A young child presents in your office with a fever of several days, erythema of the palms and soles of the feet, a rash on the trunk and a bright red tongue. For most pediatricians, this classic presentation of Kawasaki disease is fairly straightforward to diagnose.
“A majority of pediatricians have seen at least one case of Kawasaki in training,” says David Fulton, MD, chief emeritus of the Division of Cardiology Outpatient Services at Boston Children’s Hospital. “And most know how to make a diagnosis when all the clinical signs are present. But it’s important to understand the features of this disease that can make diagnosis more challenging.”
An accurate, prompt diagnosis is imperative, as Kawasaki disease leads to coronary artery aneurysms in about 25 percent of untreated cases. It is the number one cause of acquired heart disease in children in the United States. However, when treated with intravenous immune globulin (IVIG) within 10 days of onset, the frequency of coronary abnormality drops to between 2 and 4 percent.
Notes sat down with Fulton to discuss some critical points to keep in mind when diagnosing Kawasaki disease and new approaches to treatment.
What are the biggest challenges pediatricians face in diagnosing Kawasaki disease?
One big challenge is that children in certain age categories sometimes don’t present with the usual findings that would fit a classical picture of Kawasaki disease.
We’re most concerned about infants under 6 months, because those cases are often very challenging. These kids may have fever and no other real signs except a nondescript rash.
This means pediatricians need to start thinking about the possibility of Kawasaki in infants who have a fever for more than five days, even in the absence of other symptoms. Assessment when you lack full clinical signs should include laboratory testing and possibly an early echocardiogram, because these kids can present with early changes in their coronary arteries. And the earlier we intervene, the more likely we are to prevent long-term damage.
The longer you wait, the greater chance there is for coronary artery damage to have occurred.
Another group that can be a challenge to diagnose are children over age 5. These kids often present with lymphadenitis and generally have a fever, so the pediatrician may assume an infection in the lymph glands. These kids are then often started on oral antibiotics, and when they don’t respond, may be given intravenous antibiotics. At this point, 10 to 14 days has passed, and they may have already evolved to coronary artery changes.
What advice would you give pediatricians for diagnosing these challenging cases?
I would say the most important advice is to keep thinking broadly, and to have Kawasaki on your radar screen. We see about 5,000 cases a year in U.S., so many pediatricians will see a reasonable number in their practice.
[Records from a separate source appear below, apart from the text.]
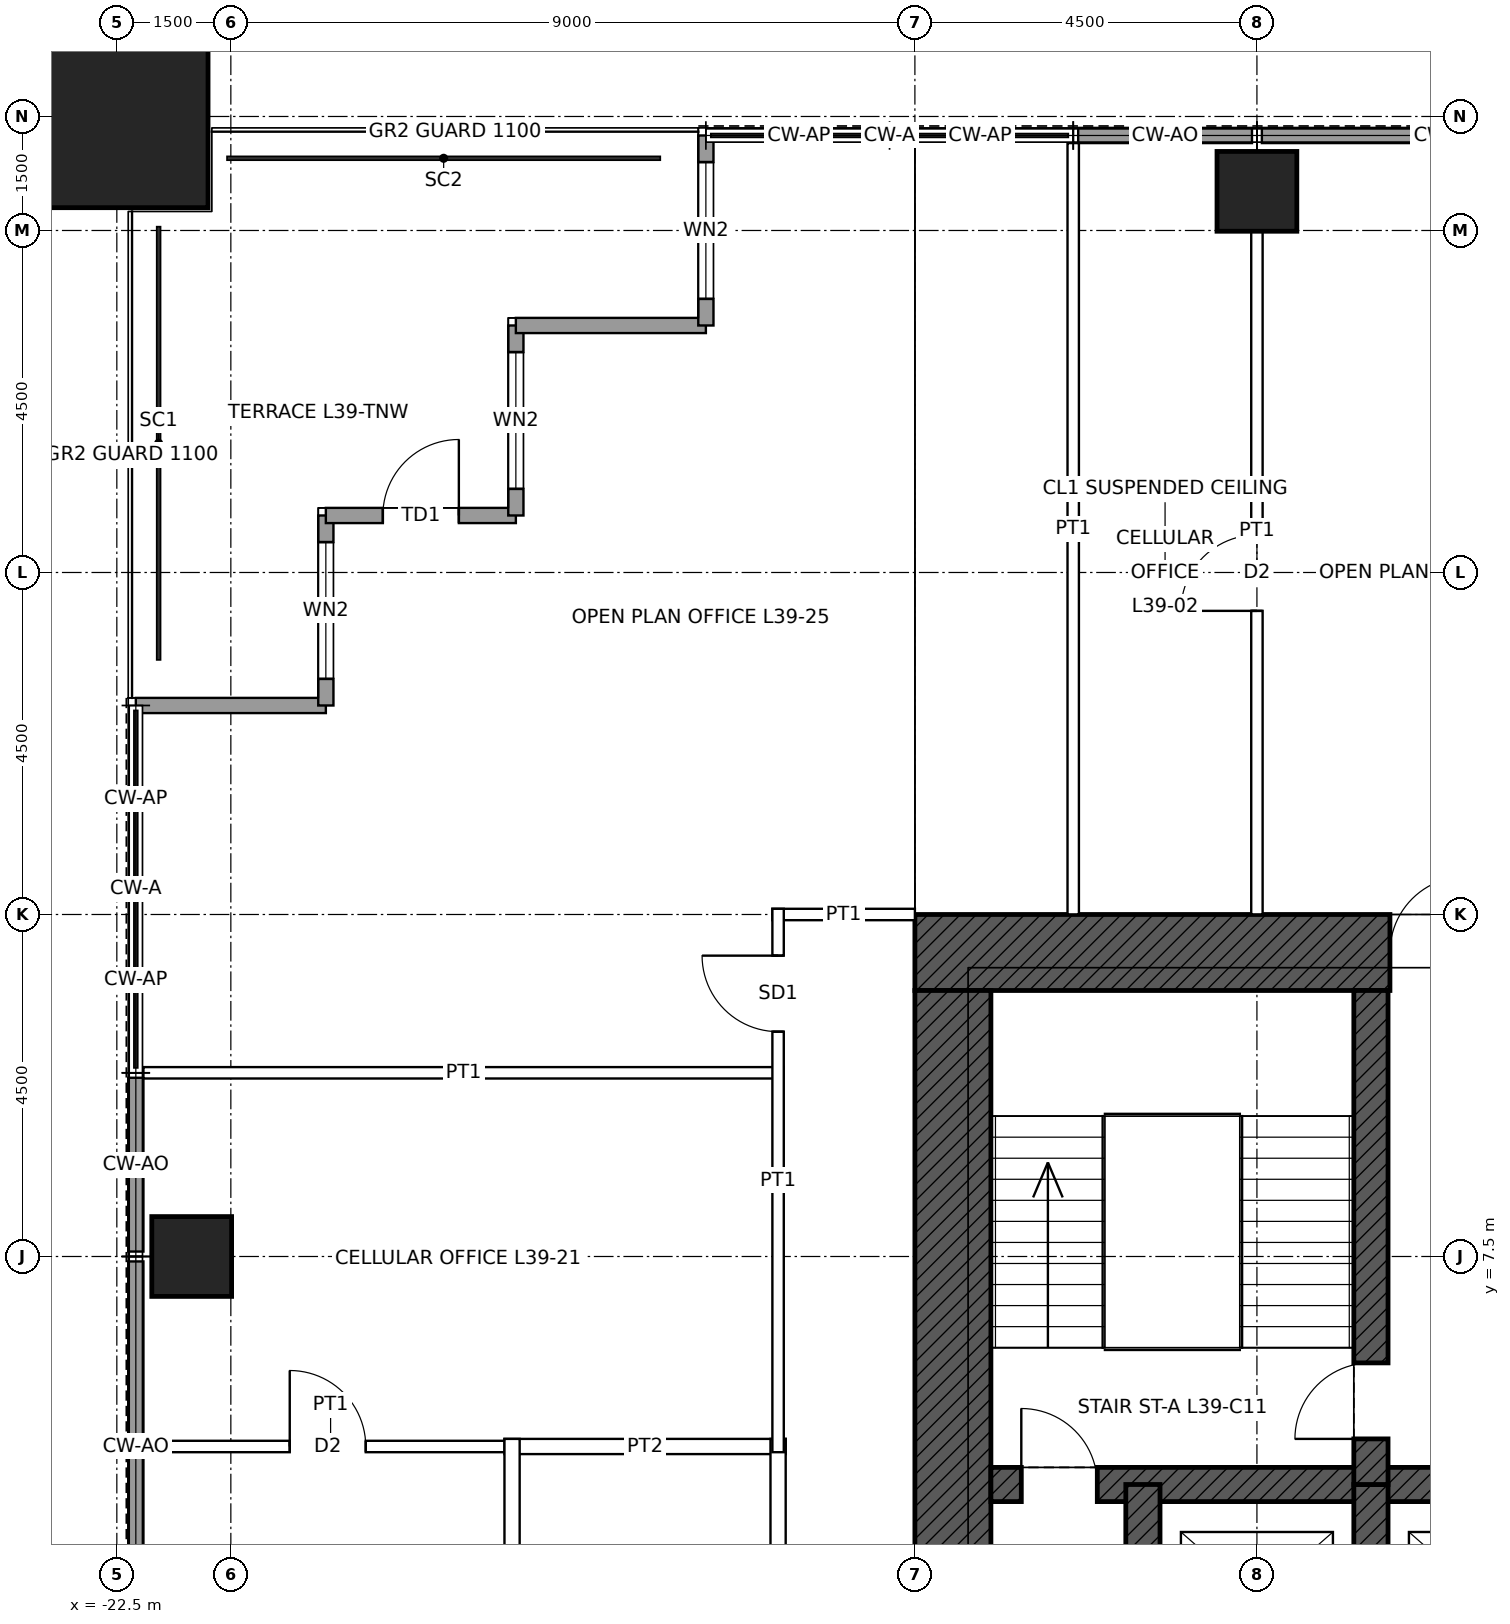
"""IFC4 building model, lengths in metres.
Left out: names, types, materials, properties, quantities, classifications, styles, units other than length and angle.
Written with IfcOpenShell. Run it as: python <this file> out.ifc"""

import sys

from ifc_helpers import new_model, si_unit, direction, frame, frame_2d, origin, origin_2d, place, context, subcontext, project, spatial, rectangle, hollow_rectangle, extrude, element, fill, save


model = new_model("IFC4")
c1 = context("Model", 3, precision=1e-05, world=origin(), true_north=direction((0.0, 1.0)))
c2 = subcontext(c1, "Body", "Model", "MODEL_VIEW")
j1 = project(units=[si_unit("LENGTHUNIT", "METRE"), si_unit("PLANEANGLEUNIT", "RADIAN")], contexts=[c1])
p1 = place(None, origin())
s1 = spatial("IfcSite", under=j1, at=p1, CompositionType="ELEMENT")
p2 = place(p1, origin())
s2 = spatial("IfcBuilding", under=s1, at=p2, CompositionType="ELEMENT")
p3 = place(p2, frame((0.0, 0.0, 189.9)))
s3 = spatial("IfcBuildingStorey", under=s2, at=p3, CompositionType="ELEMENT", Elevation=189.9)
p4 = place(p3, frame((-22.5, 22.5, 0.0), z_axis=(0.0, 0.0, 1.0), x_axis=(1.0, 0.0, 0.0)))
e1 = element("IfcColumn", 1, at=p4, inside=s3, PredefinedType="COLUMN", context=c2, shape_type="SweptSolid", body=[
    extrude(hollow_rectangle(XDim=2.4, YDim=2.4, WallThickness=0.12, at=origin_2d()), origin(), (0.0, 0.0, 1.0), 4.0),
])
for number, where, z_axis, x_axis in (
    (2, (-7.5, 21.515, 0.0), (0.0, 0.0, 1.0), (1.0, 0.0, 0.0)),
    (3, (-21.515, 7.5, 0.0), (0.0, 0.0, 1.0), (1.0, 0.0, 0.0)),
):
    element("IfcColumn", number, at=place(p3, frame(where, z_axis=z_axis, x_axis=x_axis)), inside=s3, PredefinedType="COLUMN", context=c2, shape_type="SweptSolid", body=[
        extrude(hollow_rectangle(XDim=1.05, YDim=1.05, WallThickness=0.07, at=origin_2d()), origin(), (0.0, 0.0, 1.0), 4.0),
    ])
p5 = place(p3, frame((-12.0, 11.5, 0.0), z_axis=(0.0, 0.0, 1.0), x_axis=(1.0, 0.0, 0.0)))
e4 = element("IfcWall", 4, at=p5, inside=s3, PredefinedType="SHEAR", context=c2, shape_type="SweptSolid", body=[
    extrude(rectangle(XDim=24.0, YDim=1.0, at=frame_2d((12.0, 0.0))), origin(), (0.0, 0.0, 1.0), 4.0),
])
p6 = place(p5, frame((6.25, 0.0, 0.0)))
e5 = element("IfcOpeningElement", 5, at=p6, cuts=e4, PredefinedType="OPENING", context=c2, shape_type="SweptSolid", body=[
    extrude(rectangle(XDim=1.0, YDim=2.4, at=frame_2d((0.5, 1.2))), frame((0.0, 0.51, 0.0), z_axis=(0.0, -1.0, 0.0), x_axis=(1.0, 0.0, 0.0)), (0.0, 0.0, 1.0), 1.02),
])
p7 = place(p5, frame((16.75, 0.0, 0.0)))
e6 = element("IfcOpeningElement", 6, at=p7, cuts=e4, PredefinedType="OPENING", context=c2, shape_type="SweptSolid", body=[
    extrude(rectangle(XDim=1.0, YDim=2.4, at=frame_2d((0.5, 1.2))), frame((0.0, 0.51, 0.0), z_axis=(0.0, -1.0, 0.0), x_axis=(1.0, 0.0, 0.0)), (0.0, 0.0, 1.0), 1.02),
])
p8 = place(p3, frame((-11.5, -11.0, 0.0), z_axis=(0.0, 0.0, 1.0), x_axis=(0.0, 1.0, 0.0)))
e7 = element("IfcWall", 7, at=p8, inside=s3, PredefinedType="SHEAR", context=c2, shape_type="SweptSolid", body=[
    extrude(rectangle(XDim=22.0, YDim=1.0, at=frame_2d((11.0, 0.0))), origin(), (0.0, 0.0, 1.0), 4.0),
])
p9 = place(p8, frame((10.5, 0.0, 0.0)))
e8 = element("IfcOpeningElement", 8, at=p9, cuts=e7, PredefinedType="OPENING", context=c2, shape_type="SweptSolid", body=[
    extrude(rectangle(XDim=1.0, YDim=2.4, at=frame_2d((0.5, 1.2))), frame((0.0, 0.51, 0.0), z_axis=(0.0, -1.0, 0.0), x_axis=(1.0, 0.0, 0.0)), (0.0, 0.0, 1.0), 1.02),
])
p10 = place(p3, frame((-11.0, 4.5, 0.0), z_axis=(0.0, 0.0, 1.0), x_axis=(1.0, 0.0, 0.0)))
e9 = element("IfcWall", 9, at=p10, inside=s3, PredefinedType="SHEAR", context=c2, shape_type="SweptSolid", body=[
    extrude(rectangle(XDim=22.0, YDim=0.45, at=frame_2d((11.0, 0.0))), origin(), (0.0, 0.0, 1.0), 4.0),
])
p11 = place(p10, frame((0.4, 0.0, 0.0)))
e10 = element("IfcOpeningElement", 10, at=p11, cuts=e9, PredefinedType="OPENING", context=c2, shape_type="SweptSolid", body=[
    extrude(rectangle(XDim=1.0, YDim=2.1, at=frame_2d((0.5, 1.05))), frame((0.0, 0.235, 0.0), z_axis=(0.0, -1.0, 0.0), x_axis=(1.0, 0.0, 0.0)), (0.0, 0.0, 1.0), 0.47),
])
p12 = place(p10, frame((20.6, 0.0, 0.0)))
e11 = element("IfcOpeningElement", 11, at=p12, cuts=e9, PredefinedType="OPENING", context=c2, shape_type="SweptSolid", body=[
    extrude(rectangle(XDim=1.0, YDim=2.1, at=frame_2d((0.5, 1.05))), frame((0.0, 0.235, 0.0), z_axis=(0.0, -1.0, 0.0), x_axis=(1.0, 0.0, 0.0)), (0.0, 0.0, 1.0), 0.47),
])
for number, where, z_axis, x_axis in (
    (12, (-9.0, 1.5, 0.0), (0.0, 0.0, 1.0), (0.0, 1.0, 0.0)),
    (13, (-6.0, 1.5, 0.0), (0.0, 0.0, 1.0), (0.0, 1.0, 0.0)),
):
    element("IfcWall", number, at=place(p3, frame(where, z_axis=z_axis, x_axis=x_axis)), inside=s3, PredefinedType="SHEAR", context=c2, shape_type="SweptSolid", body=[
        extrude(rectangle(XDim=3.0, YDim=0.45, at=frame_2d((1.5, 0.0))), origin(), (0.0, 0.0, 1.0), 4.0),
    ])
p13 = place(p3, frame((-6.0, 4.5, 0.0), z_axis=(0.0, 0.0, 1.0), x_axis=(0.0, 1.0, 0.0)))
e14 = element("IfcWall", 14, at=p13, inside=s3, PredefinedType="SHEAR", context=c2, shape_type="SweptSolid", body=[
    extrude(rectangle(XDim=6.5, YDim=0.45, at=frame_2d((3.25, 0.0))), origin(), (0.0, 0.0, 1.0), 4.0),
])
p14 = place(p13, frame((0.6, 0.0, 0.0)))
e15 = element("IfcOpeningElement", 15, at=p14, cuts=e14, PredefinedType="OPENING", context=c2, shape_type="SweptSolid", body=[
    extrude(rectangle(XDim=1.0, YDim=2.1, at=frame_2d((0.5, 1.05))), frame((0.0, 0.235, 0.0), z_axis=(0.0, -1.0, 0.0), x_axis=(1.0, 0.0, 0.0)), (0.0, 0.0, 1.0), 0.47),
])
p15 = place(p3, frame((-22.25, 14.75, 0.0), z_axis=(0.0, 0.0, 1.0), x_axis=(1.0, 0.0, 0.0)))
e16 = element("IfcWall", 16, at=p15, inside=s3, PredefinedType="SOLIDWALL", context=c2, shape_type="SweptSolid", body=[
    extrude(rectangle(XDim=2.5, YDim=0.2, at=frame_2d((1.25, 0.0))), origin(), (0.0, 0.0, 1.0), 3.85),
])
p16 = place(p3, frame((-19.75, 14.75, 0.0), z_axis=(0.0, 0.0, 1.0), x_axis=(0.0, 1.0, 0.0)))
e17 = element("IfcWall", 17, at=p16, inside=s3, PredefinedType="SOLIDWALL", context=c2, shape_type="SweptSolid", body=[
    extrude(rectangle(XDim=2.5, YDim=0.2, at=frame_2d((1.25, 0.0))), origin(), (0.0, 0.0, 1.0), 3.85),
])
p17 = place(p16, frame((0.35, 0.0, 0.3)))
e18 = element("IfcOpeningElement", 18, at=p17, cuts=e17, PredefinedType="OPENING", context=c2, shape_type="SweptSolid", body=[
    extrude(rectangle(XDim=1.8, YDim=2.4, at=frame_2d((0.9, 1.2))), frame((0.0, 0.11, 0.0), z_axis=(0.0, -1.0, 0.0), x_axis=(1.0, 0.0, 0.0)), (0.0, 0.0, 1.0), 0.22),
])
p18 = place(p3, frame((-19.75, 17.25, 0.0), z_axis=(0.0, 0.0, 1.0), x_axis=(1.0, 0.0, 0.0)))
e19 = element("IfcWall", 19, at=p18, inside=s3, PredefinedType="SOLIDWALL", context=c2, shape_type="SweptSolid", body=[
    extrude(rectangle(XDim=2.5, YDim=0.2, at=frame_2d((1.25, 0.0))), origin(), (0.0, 0.0, 1.0), 3.85),
])
p19 = place(p18, frame((0.75, 0.0, 0.0)))
e20 = element("IfcOpeningElement", 20, at=p19, cuts=e19, PredefinedType="OPENING", context=c2, shape_type="SweptSolid", body=[
    extrude(rectangle(XDim=1.0, YDim=2.4, at=frame_2d((0.5, 1.2))), frame((0.0, 0.11, 0.0), z_axis=(0.0, -1.0, 0.0), x_axis=(1.0, 0.0, 0.0)), (0.0, 0.0, 1.0), 0.22),
])
p20 = place(p3, frame((-17.25, 17.25, 0.0), z_axis=(0.0, 0.0, 1.0), x_axis=(0.0, 1.0, 0.0)))
e21 = element("IfcWall", 21, at=p20, inside=s3, PredefinedType="SOLIDWALL", context=c2, shape_type="SweptSolid", body=[
    extrude(rectangle(XDim=2.5, YDim=0.2, at=frame_2d((1.25, 0.0))), origin(), (0.0, 0.0, 1.0), 3.85),
])
p21 = place(p20, frame((0.35, 0.0, 0.3)))
e22 = element("IfcOpeningElement", 22, at=p21, cuts=e21, PredefinedType="OPENING", context=c2, shape_type="SweptSolid", body=[
    extrude(rectangle(XDim=1.8, YDim=2.4, at=frame_2d((0.9, 1.2))), frame((0.0, 0.11, 0.0), z_axis=(0.0, -1.0, 0.0), x_axis=(1.0, 0.0, 0.0)), (0.0, 0.0, 1.0), 0.22),
])
p22 = place(p3, frame((-17.25, 19.75, 0.0), z_axis=(0.0, 0.0, 1.0), x_axis=(1.0, 0.0, 0.0)))
e23 = element("IfcWall", 23, at=p22, inside=s3, PredefinedType="SOLIDWALL", context=c2, shape_type="SweptSolid", body=[
    extrude(rectangle(XDim=2.5, YDim=0.2, at=frame_2d((1.25, 0.0))), origin(), (0.0, 0.0, 1.0), 3.85),
])
p23 = place(p3, frame((-14.75, 19.75, 0.0), z_axis=(0.0, 0.0, 1.0), x_axis=(0.0, 1.0, 0.0)))
e24 = element("IfcWall", 24, at=p23, inside=s3, PredefinedType="SOLIDWALL", context=c2, shape_type="SweptSolid", body=[
    extrude(rectangle(XDim=2.5, YDim=0.2, at=frame_2d((1.25, 0.0))), origin(), (0.0, 0.0, 1.0), 3.85),
])
p24 = place(p23, frame((0.35, 0.0, 0.3)))
e25 = element("IfcOpeningElement", 25, at=p24, cuts=e24, PredefinedType="OPENING", context=c2, shape_type="SweptSolid", body=[
    extrude(rectangle(XDim=1.8, YDim=2.4, at=frame_2d((0.9, 1.2))), frame((0.0, 0.11, 0.0), z_axis=(0.0, -1.0, 0.0), x_axis=(1.0, 0.0, 0.0)), (0.0, 0.0, 1.0), 0.22),
])
p25 = place(p3, frame((-9.852, 22.25, 0.0), z_axis=(0.0, 0.0, 1.0), x_axis=(1.0, 0.0, 0.0)))
e26 = element("IfcWall", 26, at=p25, inside=s3, PredefinedType="SOLIDWALL", context=c2, shape_type="SweptSolid", body=[
    extrude(rectangle(XDim=2.287, YDim=0.2, at=frame_2d((1.144, 0.0))), origin(), (0.0, 0.0, 1.0), 3.85),
])
for number, where, z_axis, x_axis in (
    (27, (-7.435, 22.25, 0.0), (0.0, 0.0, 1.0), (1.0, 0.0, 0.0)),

We’ve found that pediatricians are getting better at spotting incomplete cases of Kawasaki, but we still see a couple of cases each year that get missed and come to us late. The American Heart Association released updated guidelines earlier this year to provide clinicians with evidence-based guidance for diagnosis of Kawasaki disease.
What happens when you miss that 10-day treatment window?
Treatment with IVIG within 10 days of fever is the gold standard for Kawasaki disease. But that doesn’t mean you shouldn’t treat at day 12 or day 14, it just means that the response is less identifiable. The longer you wait, the greater chance there is for coronary artery damage to have occurred.
How do you handle incomplete or uncertain cases of Kawasaki disease?
Sometimes it’s even challenging for us to diagnose incomplete Kawasaki. We often see kids who have a couple of the signs and have had a fever for five or six days. If they don’t meet the diagnostic criteria at that point, we may follow them for a few days to see if they evolve with more signs that may help with a diagnosis. If we reach day seven or eight with no more symptoms, we may look for laboratory abnormalities or use an echocardiogram to decide whether to treat. Finally, there are some kids that we’re just never going to be 100 percent sure about, but decide to treat them before they go past that 10-day window.
Is there any harm in treating kids for Kawasaki who may not have it?
There’s always a risk with any type of treatment. The risk for transmission of infectious disease through IVIG is very small, but children can have adverse reactions to treatment, such as fever, rash, low blood pressure and shaking chills. It’s also expensive, so we try to be mindful of that. But we generally err towards treating as we approach that 10-day window. Without a doubt, the benefits of treating outweigh the risk.
What’s new on the treatment front?
About 10 to 20 percent of kids are resistant to IVIG and may require multiple doses and adjunctive therapy to suppress the immune response. We’re continually evaluating new therapeutic modalities to see what works best.
We’re also looking at ways to identify people who might not respond early so we can start adjunctive therapy as soon as possible. In the future, we will likely move toward more aggressive therapeutic approach earlier in the cycle for these people to see if it makes a difference with outcomes. But the sooner these kids get referred to us, the better likelihood we have of selecting the best therapeutic approach for them.
David R. Fulton, MD, is chief emeritus of the Division of Cardiology Outpatient Services at Boston Children’s Hospital, associate professor of Pediatrics and Tommy Kaplan Chair in Cardiovascular Studies at Harvard Medical School.